The previously scheduled drills were to take place at some 30 sites off the coast throughout the week, but there were none Monday along the disputed western sea border, the officials said, speaking on condition of anonymity according to department policy. Warships will join the drills later in the week, the navy said.
Similar live-fire drills will take place next week as well, officials said.
North Korea warned Sunday that the drills were causing "uncontrollable, extreme" tension on the peninsula.
"The South Korean puppet group, far from drawing a lesson from the deserved punishment it faced for its reckless firing of shells into the territorial waters of the (North Korean) side around Yeonpyeong Island, is getting more frantic in military provocations and war moves," the North’s official Korean Central News Agency said. Seoul said its forces fired away from North Korea in last month’s drills.
On Monday, President Lee Myung-bak, acting on criticism that troops acted too slowly and too timidly to the North Korean attack, pledged to reform the military.
"The South Korean people believe our military has to change," Lee said at a Monday meeting on military reform, his office said. "What the military needs now is (increased) mental strength."

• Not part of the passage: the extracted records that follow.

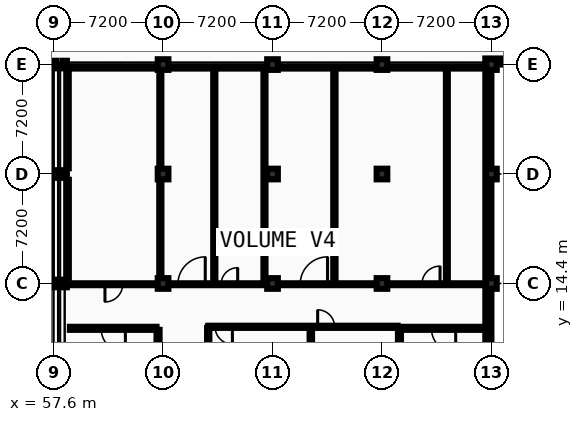
"""IFC4 building model, lengths in metres.
Left out: names, types, materials, properties, quantities, classifications, styles, units other than length and angle.
Written with IfcOpenShell. Run it as: python <this file> out.ifc"""

import sys

from ifc_helpers import new_model, si_unit, direction, frame, frame_2d, origin, origin_2d, place, context, subcontext, project, spatial, rectangle, i_section, extrude, element, fill, save


model = new_model("IFC4")
c1 = context("Model", 3, precision=1e-05, world=origin(), true_north=direction((0.0, 1.0)))
c2 = subcontext(c1, "Body", "Model", "MODEL_VIEW")
j1 = project(units=[si_unit("LENGTHUNIT", "METRE"), si_unit("PLANEANGLEUNIT", "RADIAN")], contexts=[c1])
p1 = place(None, origin())
s1 = spatial("IfcSite", under=j1, at=p1, CompositionType="ELEMENT")
p2 = place(p1, origin())
s2 = spatial("IfcBuilding", under=s1, at=p2, CompositionType="ELEMENT")
p3 = place(p2, frame((0.0, 0.0, -4.8)))
s3 = spatial("IfcBuildingStorey", under=s2, at=p3, CompositionType="ELEMENT", Elevation=-4.8)
for number, where, z_axis, x_axis in (
    (1, (57.6, 14.4, 0.0), (0.0, 0.0, 1.0), (1.0, 0.0, 0.0)),
    (2, (57.6, 21.6, 0.0), (0.0, 0.0, 1.0), (1.0, 0.0, 0.0)),
    (3, (57.6, 28.8, 0.0), (0.0, 0.0, 1.0), (1.0, 0.0, 0.0)),
    (4, (58.32, 14.4, 0.0), (0.0, 0.0, 1.0), (1.0, 0.0, 0.0)),
    (5, (58.32, 21.6, 0.0), (0.0, 0.0, 1.0), (1.0, 0.0, 0.0)),
    (6, (58.32, 28.8, 0.0), (0.0, 0.0, 1.0), (1.0, 0.0, 0.0)),
):
    element("IfcColumn", number, at=place(p3, frame(where, z_axis=z_axis, x_axis=x_axis)), inside=s3, PredefinedType="COLUMN", context=c2, shape_type="SweptSolid", body=[
        extrude(i_section(OverallWidth=0.3, OverallDepth=0.5, WebThickness=0.014, FlangeThickness=0.028, FilletRadius=0.027, at=origin_2d()), origin(), (0.0, 0.0, 1.0), 4.8),
    ])
for number, where, z_axis, x_axis in (
    (7, (64.8, 14.4, 0.0), (0.0, 0.0, 1.0), (1.0, 0.0, 0.0)),
    (8, (64.8, 21.6, 0.0), (0.0, 0.0, 1.0), (1.0, 0.0, 0.0)),
    (9, (64.8, 28.8, 0.0), (0.0, 0.0, 1.0), (1.0, 0.0, 0.0)),
    (10, (72.0, 14.4, 0.0), (0.0, 0.0, 1.0), (1.0, 0.0, 0.0)),
    (11, (72.0, 21.6, 0.0), (0.0, 0.0, 1.0), (1.0, 0.0, 0.0)),
    (12, (72.0, 28.8, 0.0), (0.0, 0.0, 1.0), (1.0, 0.0, 0.0)),
    (13, (79.2, 14.4, 0.0), (0.0, 0.0, 1.0), (1.0, 0.0, 0.0)),
    (14, (79.2, 21.6, 0.0), (0.0, 0.0, 1.0), (1.0, 0.0, 0.0)),
    (15, (79.2, 28.8, 0.0), (0.0, 0.0, 1.0), (1.0, 0.0, 0.0)),
    (16, (86.4, 14.4, 0.0), (0.0, 0.0, 1.0), (1.0, 0.0, 0.0)),
    (17, (86.4, 21.6, 0.0), (0.0, 0.0, 1.0), (1.0, 0.0, 0.0)),
    (18, (86.4, 28.8, 0.0), (0.0, 0.0, 1.0), (1.0, 0.0, 0.0)),
):
    element("IfcColumn", number, at=place(p3, frame(where, z_axis=z_axis, x_axis=x_axis)), inside=s3, PredefinedType="COLUMN", context=c2, shape_type="SweptSolid", body=[
        extrude(rectangle(XDim=0.7, YDim=0.7, at=origin_2d()), origin(), (0.0, 0.0, 1.0), 4.8),
    ])
p4 = place(p3, frame((86.2, 0.4, 0.0), z_axis=(0.0, 0.0, 1.0), x_axis=(0.0, 1.0, 0.0)))
e19 = element("IfcWall", 19, at=p4, inside=s3, PredefinedType="USERDEFINED", context=c2, shape_type="SweptSolid", body=[
    extrude(rectangle(XDim=28.4, YDim=0.4, at=frame_2d((14.2, 0.0))), origin(), (0.0, 0.0, 1.0), 4.545),
])
p5 = place(p3, frame((86.0, 29.0, 0.0), z_axis=(0.0, 0.0, 1.0), x_axis=(1.0, 0.0, 0.0)))
e20 = element("IfcWall", 20, at=p5, inside=s3, PredefinedType="USERDEFINED", context=c2, shape_type="SweptSolid", body=[
    extrude(rectangle(XDim=36.4, YDim=0.4, at=frame_2d((18.2, 0.0))), origin(), (0.0, 0.0, 1.0), 4.545),
])
p6 = place(p3, frame((58.67, 11.45, 0.0), z_axis=(0.0, 0.0, 1.0), x_axis=(1.0, 0.0, 0.0)))
e21 = element("IfcWall", 21, at=p6, inside=s3, PredefinedType="PARTITIONING", context=c2, shape_type="SweptSolid", body=[
    extrude(rectangle(XDim=5.7, YDim=0.2, at=frame_2d((2.85, 0.0))), origin(), (0.0, 0.0, 1.0), 4.545),
])
p7 = place(p6, frame((2.05, 0.0, 0.0)))
e22 = element("IfcOpeningElement", 22, at=p7, cuts=e21, PredefinedType="OPENING", context=c2, shape_type="SweptSolid", body=[
    extrude(rectangle(XDim=1.6, YDim=2.2, at=frame_2d((0.8, 1.1))), frame((0.0, 0.11, 0.0), z_axis=(0.0, -1.0, 0.0), x_axis=(1.0, 0.0, 0.0)), (0.0, 0.0, 1.0), 0.22),
])
p8 = place(p3, frame((64.47, 8.9, 0.0), z_axis=(0.0, 0.0, 1.0), x_axis=(0.0, 1.0, 0.0)))
e23 = element("IfcWall", 23, at=p8, inside=s3, PredefinedType="PARTITIONING", context=c2, shape_type="SweptSolid", body=[
    extrude(rectangle(XDim=2.45, YDim=0.2, at=frame_2d((1.225, 0.0))), origin(), (0.0, 0.0, 1.0), 4.545),
])
p9 = place(p3, frame((80.45, 11.45, 0.0), z_axis=(0.0, 0.0, 1.0), x_axis=(1.0, 0.0, 0.0)))
e24 = element("IfcWall", 24, at=p9, inside=s3, PredefinedType="PARTITIONING", context=c2, shape_type="SweptSolid", body=[
    extrude(rectangle(XDim=5.6, YDim=0.2, at=frame_2d((2.8, 0.0))), origin(), (0.0, 0.0, 1.0), 4.545),
])
p10 = place(p9, frame((2.0, 0.0, 0.0)))
e25 = element("IfcOpeningElement", 25, at=p10, cuts=e24, PredefinedType="OPENING", context=c2, shape_type="SweptSolid", body=[
    extrude(rectangle(XDim=1.6, YDim=2.2, at=frame_2d((0.8, 1.1))), frame((0.0, 0.11, 0.0), z_axis=(0.0, -1.0, 0.0), x_axis=(1.0, 0.0, 0.0)), (0.0, 0.0, 1.0), 0.22),
])
p11 = place(p3, frame((80.35, 8.9, 0.0), z_axis=(0.0, 0.0, 1.0), x_axis=(0.0, 1.0, 0.0)))
e26 = element("IfcWall", 26, at=p11, inside=s3, PredefinedType="PARTITIONING", context=c2, shape_type="SweptSolid", body=[
    extrude(rectangle(XDim=2.45, YDim=0.2, at=frame_2d((1.225, 0.0))), origin(), (0.0, 0.0, 1.0), 4.545),
])
p12 = place(p3, frame((67.77, 11.55, 0.0), z_axis=(0.0, 0.0, 1.0), x_axis=(1.0, 0.0, 0.0)))
e27 = element("IfcWall", 27, at=p12, inside=s3, PredefinedType="PARTITIONING", context=c2, shape_type="SweptSolid", body=[
    extrude(rectangle(XDim=12.46, YDim=0.142, at=frame_2d((6.23, 0.0))), origin(), (0.0, 0.0, 1.0), 4.545),
])
p13 = place(p12, frame((7.2, 0.0, 0.0)))
e28 = element("IfcOpeningElement", 28, at=p13, cuts=e27, PredefinedType="OPENING", context=c2, shape_type="SweptSolid", body=[
    extrude(rectangle(XDim=1.114, YDim=2.04, at=frame_2d((0.557, 1.02))), frame((0.0, 0.081, 0.0), z_axis=(0.0, -1.0, 0.0), x_axis=(1.0, 0.0, 0.0)), (0.0, 0.0, 1.0), 0.162),
])
p14 = place(p12, frame((0.45, 0.0, 0.0)))
e29 = element("IfcOpeningElement", 29, at=p14, cuts=e27, PredefinedType="OPENING", context=c2, shape_type="SweptSolid", body=[
    extrude(rectangle(XDim=1.14, YDim=2.04, at=frame_2d((0.57, 1.02))), frame((0.0, 0.081, 0.0), z_axis=(0.0, -1.0, 0.0), x_axis=(1.0, 0.0, 0.0)), (0.0, 0.0, 1.0), 0.162),
])
p15 = place(p3, frame((58.7, 14.35, 0.0), z_axis=(0.0, 0.0, 1.0), x_axis=(1.0, 0.0, 0.0)))
e30 = element("IfcWall", 30, at=p15, inside=s3, PredefinedType="PARTITIONING", context=c2, shape_type="SweptSolid", body=[
    extrude(rectangle(XDim=5.72, YDim=0.125, at=frame_2d((2.86, 0.0))), origin(), (0.0, 0.0, 1.0), 4.095),
])
p16 = place(p15, frame((2.277, 0.0, 0.0)))
e31 = element("IfcOpeningElement", 31, at=p16, cuts=e30, PredefinedType="OPENING", context=c2, shape_type="SweptSolid", body=[
    extrude(rectangle(XDim=1.166, YDim=2.04, at=frame_2d((0.583, 1.02))), frame((0.0, 0.073, 0.0), z_axis=(0.0, -1.0, 0.0), x_axis=(1.0, 0.0, 0.0)), (0.0, 0.0, 1.0), 0.145),
])
p17 = place(p3, frame((65.18, 14.35, 0.0), z_axis=(0.0, 0.0, 1.0), x_axis=(1.0, 0.0, 0.0)))
e32 = element("IfcWall", 32, at=p17, inside=s3, PredefinedType="PARTITIONING", context=c2, shape_type="SweptSolid", body=[
    extrude(rectangle(XDim=6.44, YDim=0.125, at=frame_2d((3.22, 0.0))), origin(), (0.0, 0.0, 1.0), 4.095),
])
p18 = place(p17, frame((3.44, 0.0, 0.0)))
e33 = element("IfcOpeningElement", 33, at=p18, cuts=e32, PredefinedType="OPENING", context=c2, shape_type="SweptSolid", body=[
    extrude(rectangle(XDim=1.088, YDim=2.04, at=frame_2d((0.544, 1.02))), frame((0.0, 0.073, 0.0), z_axis=(0.0, -1.0, 0.0), x_axis=(1.0, 0.0, 0.0)), (0.0, 0.0, 1.0), 0.145),
])
p19 = place(p17, frame((0.595, 0.0, 0.0)))
e34 = element("IfcOpeningElement", 34, at=p19, cuts=e32, PredefinedType="OPENING", context=c2, shape_type="SweptSolid", body=[
    extrude(rectangle(XDim=1.8, YDim=2.3, at=frame_2d((0.9, 1.15))), frame((0.0, 0.073, 0.0), z_axis=(0.0, -1.0, 0.0), x_axis=(1.0, 0.0, 0.0)), (0.0, 0.0, 1.0), 0.145),
])
p20 = place(p3, frame((72.38, 14.35, 0.0), z_axis=(0.0, 0.0, 1.0), x_axis=(1.0, 0.0, 0.0)))
e35 = element("IfcWall", 35, at=p20, inside=s3, PredefinedType="PARTITIONING", context=c2, shape_type="SweptSolid", body=[
    extrude(rectangle(XDim=6.44, YDim=0.125, at=frame_2d((3.22, 0.0))), origin(), (0.0, 0.0, 1.0), 4.095),
])
p21 = place(p20, frame((1.44, 0.0, 0.0)))
e36 = element("IfcOpeningElement", 36, at=p21, cuts=e35, PredefinedType="OPENING", context=c2, shape_type="SweptSolid", body=[
    extrude(rectangle(XDim=1.8, YDim=2.3, at=frame_2d((0.9, 1.15))), frame((0.0, 0.073, 0.0), z_axis=(0.0, -1.0, 0.0), x_axis=(1.0, 0.0, 0.0)), (0.0, 0.0, 1.0), 0.145),
])
p22 = place(p3, frame((79.58, 14.35, 0.0), z_axis=(0.0, 0.0, 1.0), x_axis=(1.0, 0.0, 0.0)))
e37 = element("IfcWall", 37, at=p22, inside=s3, PredefinedType="PARTITIONING", context=c2, shape_type="SweptSolid", body=[
    extrude(rectangle(XDim=6.4, YDim=0.125, at=frame_2d((3.2, 0.0))), origin(), (0.0, 0.0, 1.0), 4.095),
])
p23 = place(p22, frame((4.645, 0.0, 0.0)))
e38 = element("IfcOpeningElement", 38, at=p23, cuts=e37, PredefinedType="OPENING", context=c2, shape_type="SweptSolid", body=[
    extrude(rectangle(XDim=1.0, YDim=2.1, at=frame_2d((0.5, 1.05))), frame((0.0, 0.073, 0.0), z_axis=(0.0, -1.0, 0.0), x_axis=(1.0, 0.0, 0.0)), (0.0, 0.0, 1.0), 0.145),
])
p24 = place(p22, frame((2.248, 0.0, 0.0)))
e39 = element("IfcOpeningElement", 39, at=p24, cuts=e37, PredefinedType="OPENING", context=c2, shape_type="SweptSolid", body=[
    extrude(rectangle(XDim=1.192, YDim=2.04, at=frame_2d((0.596, 1.02))), frame((0.0, 0.073, 0.0), z_axis=(0.0, -1.0, 0.0), x_axis=(1.0, 0.0, 0.0)), (0.0, 0.0, 1.0), 0.145),
])
p25 = place(p3, frame((58.7, 28.6, 0.0), z_axis=(0.0, 0.0, 1.0), x_axis=(1.0, 0.0, 0.0)))
e40 = element("IfcWall", 40, at=p25, inside=s3, PredefinedType="PARTITIONING", context=c2, shape_type="SweptSolid", body=[
    extrude(rectangle(XDim=5.72, YDim=0.125, at=frame_2d((2.86, 0.0))), origin(), (0.0, 0.0, 1.0), 4.095),
])
for number, where, z_axis, x_axis in (
    (41, (65.18, 28.6, 0.0), (0.0, 0.0, 1.0), (1.0, 0.0, 0.0)),
    (42, (72.38, 28.6, 0.0), (0.0, 0.0, 1.0), (1.0, 0.0, 0.0)),
):
    element("IfcWall", number, at=place(p3, frame(where, z_axis=z_axis, x_axis=x_axis)), inside=s3, PredefinedType="PARTITIONING", context=c2, shape_type="SweptSolid", body=[
        extrude(rectangle(XDim=6.44, YDim=0.125, at=frame_2d((3.22, 0.0))), origin(), (0.0, 0.0, 1.0), 4.095),
    ])
p26 = place(p3, frame((79.58, 28.6, 0.0), z_axis=(0.0, 0.0, 1.0), x_axis=(1.0, 0.0, 0.0)))
e43 = element("IfcWall", 43, at=p26, inside=s3, PredefinedType="PARTITIONING", context=c2, shape_type="SweptSolid", body=[
    extrude(rectangle(XDim=6.4, YDim=0.125, at=frame_2d((3.2, 0.0))), origin(), (0.0, 0.0, 1.0), 4.095),
])
p27 = place(p3, frame((58.52, 14.78, 0.0), z_axis=(0.0, 0.0, 1.0), x_axis=(0.0, 1.0, 0.0)))
e44 = element("IfcWall", 44, at=p27, inside=s3, PredefinedType="PARTITIONING", context=c2, shape_type="SweptSolid", body=[
    extrude(rectangle(XDim=6.44, YDim=0.16, at=frame_2d((3.22, 0.0))), origin(), (0.0, 0.0, 1.0), 4.245),
])
p28 = place(p3, frame((58.52, 21.98, 0.0), z_axis=(0.0, 0.0, 1.0), x_axis=(0.0, 1.0, 0.0)))
e45 = element("IfcWall", 45, at=p28, inside=s3, PredefinedType="PARTITIONING", context=c2, shape_type="SweptSolid", body=[
    extrude(rectangle(XDim=6.44, YDim=0.15, at=frame_2d((3.22, 0.0))), origin(), (0.0, 0.0, 1.0), 4.245),
])
p29 = place(p3, frame((64.62, 14.78, 0.0), z_axis=(0.0, 0.0, 1.0), x_axis=(0.0, 1.0, 0.0)))
e46 = element("IfcWall", 46, at=p29, inside=s3, PredefinedType="PARTITIONING", context=c2, shape_type="SweptSolid", body=[
    extrude(rectangle(XDim=6.44, YDim=0.142, at=frame_2d((3.22, 0.0))), origin(), (0.0, 0.0, 1.0), 4.245),
])
p30 = place(p3, frame((64.62, 21.98, 0.0), z_axis=(0.0, 0.0, 1.0), x_axis=(0.0, 1.0, 0.0)))
e47 = element("IfcWall", 47, at=p30, inside=s3, PredefinedType="PARTITIONING", context=c2, shape_type="SweptSolid", body=[
    extrude(rectangle(XDim=6.44, YDim=0.135, at=frame_2d((3.22, 0.0))), origin(), (0.0, 0.0, 1.0), 4.245),
])
p31 = place(p3, frame((67.77, 3.36, 0.0), z_axis=(0.0, 0.0, 1.0), x_axis=(0.0, 1.0, 0.0)))
e48 = element("IfcWall", 48, at=p31, inside=s3, PredefinedType="PARTITIONING", context=c2, shape_type="SweptSolid", body=[
    extrude(rectangle(XDim=8.119, YDim=0.15, at=frame_2d((4.06, 0.0))), origin(), (0.0, 0.0, 1.0), 4.545),
])
p32 = place(p3, frame((68.17, 14.413, 0.0), z_axis=(0.0, 0.0, 1.0), x_axis=(0.0, 1.0, 0.0)))
e49 = element("IfcWall", 49, at=p32, inside=s3, PredefinedType="PARTITIONING", context=c2, shape_type="SweptSolid", body=[
    extrude(rectangle(XDim=14.125, YDim=0.142, at=frame_2d((7.062, 0.0))), origin(), (0.0, 0.0, 1.0), 4.545),
])
p33 = place(p3, frame((71.47, 14.413, 0.0), z_axis=(0.0, 0.0, 1.0), x_axis=(0.0, 1.0, 0.0)))
e50 = element("IfcWall", 50, at=p33, inside=s3, PredefinedType="PARTITIONING", context=c2, shape_type="SweptSolid", body=[
    extrude(rectangle(XDim=14.125, YDim=0.135, at=frame_2d((7.062, 0.0))), origin(), (0.0, 0.0, 1.0), 4.545),
])
p34 = place(p3, frame((74.52, 0.4, 0.0), z_axis=(0.0, 0.0, 1.0), x_axis=(0.0, 1.0, 0.0)))
e51 = element("IfcWall", 51, at=p34, inside=s3, PredefinedType="PARTITIONING", context=c2, shape_type="SweptSolid", body=[
    extrude(rectangle(XDim=11.079, YDim=0.16, at=frame_2d((5.54, 0.0))), origin(), (0.0, 0.0, 1.0), 4.235),
])
p35 = place(p3, frame((76.07, 14.413, 0.0), z_axis=(0.0, 0.0, 1.0), x_axis=(0.0, 1.0, 0.0)))
e52 = element("IfcWall", 52, at=p35, inside=s3, PredefinedType="PARTITIONING", context=c2, shape_type="SweptSolid", body=[
    extrude(rectangle(XDim=14.125, YDim=0.15, at=frame_2d((7.062, 0.0))), origin(), (0.0, 0.0, 1.0), 4.545),
])
p36 = place(p3, frame((83.47, 14.413, 0.0), z_axis=(0.0, 0.0, 1.0), x_axis=(0.0, 1.0, 0.0)))
e53 = element("IfcWall", 53, at=p36, inside=s3, PredefinedType="PARTITIONING", context=c2, shape_type="SweptSolid", body=[
    extrude(rectangle(XDim=14.125, YDim=0.125, at=frame_2d((7.062, 0.0))), origin(), (0.0, 0.0, 1.0), 4.545),
])
p37 = place(p7, origin())
e54 = element("IfcDoor", 54, at=p37, inside=s3, OperationType="DOUBLE_DOOR_SINGLE_SWING", PredefinedType="DOOR", context=c2, shape_type="SweptSolid", body=[
    extrude(rectangle(XDim=1.6, YDim=2.2, at=frame_2d((0.8, 1.1))), frame((0.0, 0.025, 0.0), z_axis=(0.0, -1.0, 0.0), x_axis=(1.0, 0.0, 0.0)), (0.0, 0.0, 1.0), 0.05),
])
fill(e22, e54)
p38 = place(p10, origin())
e55 = element("IfcDoor", 55, at=p38, inside=s3, OperationType="DOUBLE_DOOR_SINGLE_SWING", PredefinedType="DOOR", context=c2, shape_type="SweptSolid", body=[
    extrude(rectangle(XDim=1.6, YDim=2.2, at=frame_2d((0.8, 1.1))), frame((0.0, 0.025, 0.0), z_axis=(0.0, -1.0, 0.0), x_axis=(1.0, 0.0, 0.0)), (0.0, 0.0, 1.0), 0.05),
])
fill(e25, e55)
p39 = place(p23, frame((1.0, 0.0, 0.0), z_axis=(0.0, 0.0, 1.0), x_axis=(-1.0, 0.0, 0.0)))
e56 = element("IfcDoor", 56, at=p39, inside=s3, OperationType="SLIDING_TO_LEFT", PredefinedType="DOOR", context=c2, shape_type="SweptSolid", body=[
    extrude(rectangle(XDim=1.0, YDim=2.1, at=frame_2d((0.5, 1.05))), frame((0.0, 0.025, 0.0), z_axis=(0.0, -1.0, 0.0), x_axis=(1.0, 0.0, 0.0)), (0.0, 0.0, 1.0), 0.05),
])
fill(e38, e56)
p40 = place(p18, frame((1.088, 0.0, 0.0), z_axis=(0.0, 0.0, 1.0), x_axis=(-1.0, 0.0, 0.0)))
e57 = element("IfcDoor", 57, at=p40, inside=s3, OperationType="SINGLE_SWING_RIGHT", PredefinedType="DOOR", context=c2, shape_type="SweptSolid", body=[
    extrude(rectangle(XDim=1.088, YDim=2.04, at=frame_2d((0.544, 1.02))), frame((0.0, 0.025, 0.0), z_axis=(0.0, -1.0, 0.0), x_axis=(1.0, 0.0, 0.0)), (0.0, 0.0, 1.0), 0.05),
])
fill(e33, e57)
p41 = place(p19, frame((1.8, 0.0, 0.0), z_axis=(0.0, 0.0, 1.0), x_axis=(-1.0, 0.0, 0.0)))
e58 = element("IfcDoor", 58, at=p41, inside=s3, OperationType="DOUBLE_DOOR_SINGLE_SWING", PredefinedType="DOOR", context=c2, shape_type="SweptSolid", body=[
    extrude(rectangle(XDim=1.8, YDim=2.3, at=frame_2d((0.9, 1.15))), frame((0.0, 0.025, 0.0), z_axis=(0.0, -1.0, 0.0), x_axis=(1.0, 0.0, 0.0)), (0.0, 0.0, 1.0), 0.05),
])
fill(e34, e58)
p42 = place(p21, frame((1.8, 0.0, 0.0), z_axis=(0.0, 0.0, 1.0), x_axis=(-1.0, 0.0, 0.0)))
e59 = element("IfcDoor", 59, at=p42, inside=s3, OperationType="DOUBLE_DOOR_SINGLE_SWING", PredefinedType="DOOR", context=c2, shape_type="SweptSolid", body=[
    extrude(rectangle(XDim=1.8, YDim=2.3, at=frame_2d((0.9, 1.15))), frame((0.0, 0.025, 0.0), z_axis=(0.0, -1.0, 0.0), x_axis=(1.0, 0.0, 0.0)), (0.0, 0.0, 1.0), 0.05),
])
fill(e36, e59)
p43 = place(p13, origin())
e60 = element("IfcDoor", 60, at=p43, inside=s3, OperationType="SINGLE_SWING_LEFT", PredefinedType="DOOR", context=c2, shape_type="SweptSolid", body=[
    extrude(rectangle(XDim=1.114, YDim=2.04, at=frame_2d((0.557, 1.02))), frame((0.0, 0.025, 0.0), z_axis=(0.0, -1.0, 0.0), x_axis=(1.0, 0.0, 0.0)), (0.0, 0.0, 1.0), 0.05),
])
fill(e28, e60)
p44 = place(p14, origin())
e61 = element("IfcDoor", 61, at=p44, inside=s3, OperationType="SINGLE_SWING_RIGHT", PredefinedType="DOOR", context=c2, shape_type="SweptSolid", body=[
    extrude(rectangle(XDim=1.14, YDim=2.04, at=frame_2d((0.57, 1.02))), frame((0.0, 0.025, 0.0), z_axis=(0.0, -1.0, 0.0), x_axis=(1.0, 0.0, 0.0)), (0.0, 0.0, 1.0), 0.05),
])
fill(e29, e61)
p45 = place(p16, frame((1.166, 0.0, 0.0), z_axis=(0.0, 0.0, 1.0), x_axis=(-1.0, 0.0, 0.0)))
e62 = element("IfcDoor", 62, at=p45, inside=s3, OperationType="SINGLE_SWING_LEFT", PredefinedType="DOOR", context=c2, shape_type="SweptSolid", body=[
    extrude(rectangle(XDim=1.166, YDim=2.04, at=frame_2d((0.583, 1.02))), frame((0.0, 0.025, 0.0), z_axis=(0.0, -1.0, 0.0), x_axis=(1.0, 0.0, 0.0)), (0.0, 0.0, 1.0), 0.05),
])
fill(e31, e62)
p46 = place(p24, frame((1.192, 0.0, 0.0), z_axis=(0.0, 0.0, 1.0), x_axis=(-1.0, 0.0, 0.0)))
e63 = element("IfcDoor", 63, at=p46, inside=s3, OperationType="SINGLE_SWING_RIGHT", PredefinedType="DOOR", context=c2, shape_type="SweptSolid", body=[
    extrude(rectangle(XDim=1.192, YDim=2.04, at=frame_2d((0.596, 1.02))), frame((0.0, 0.025, 0.0), z_axis=(0.0, -1.0, 0.0), x_axis=(1.0, 0.0, 0.0)), (0.0, 0.0, 1.0), 0.05),
])
fill(e39, e63)
save(model, sys.argv[1])

National security is at a "critical juncture," Kim Kwan-jin, South Korea’s new defense minister, told reporters. He said he would focus on boosting the military’s morale and discipline. Kim was appointed after the previous defense chief resigned in the wake of the shelling.
South Korean Prime Minister Kim Hwang-sik also announced 30 billion won ($27 million) to help rebuild shattered Yeonpyeong Island. Most of the 1,300 civilians who lived on the island have fled and many are living in a public bathhouse in the port city of Incheon that has been converted into a refugee center.
Elsewhere in Incheon, the bodies of two construction workers killed in the attack were cremated as their relatives screamed and cried.
"I sincerely hope that officials take care of us so that this kind of thing will never happen again to innocent, weak and poor people," said Kang Sung-ae, widow of dead construction worker Kim Chi-baek.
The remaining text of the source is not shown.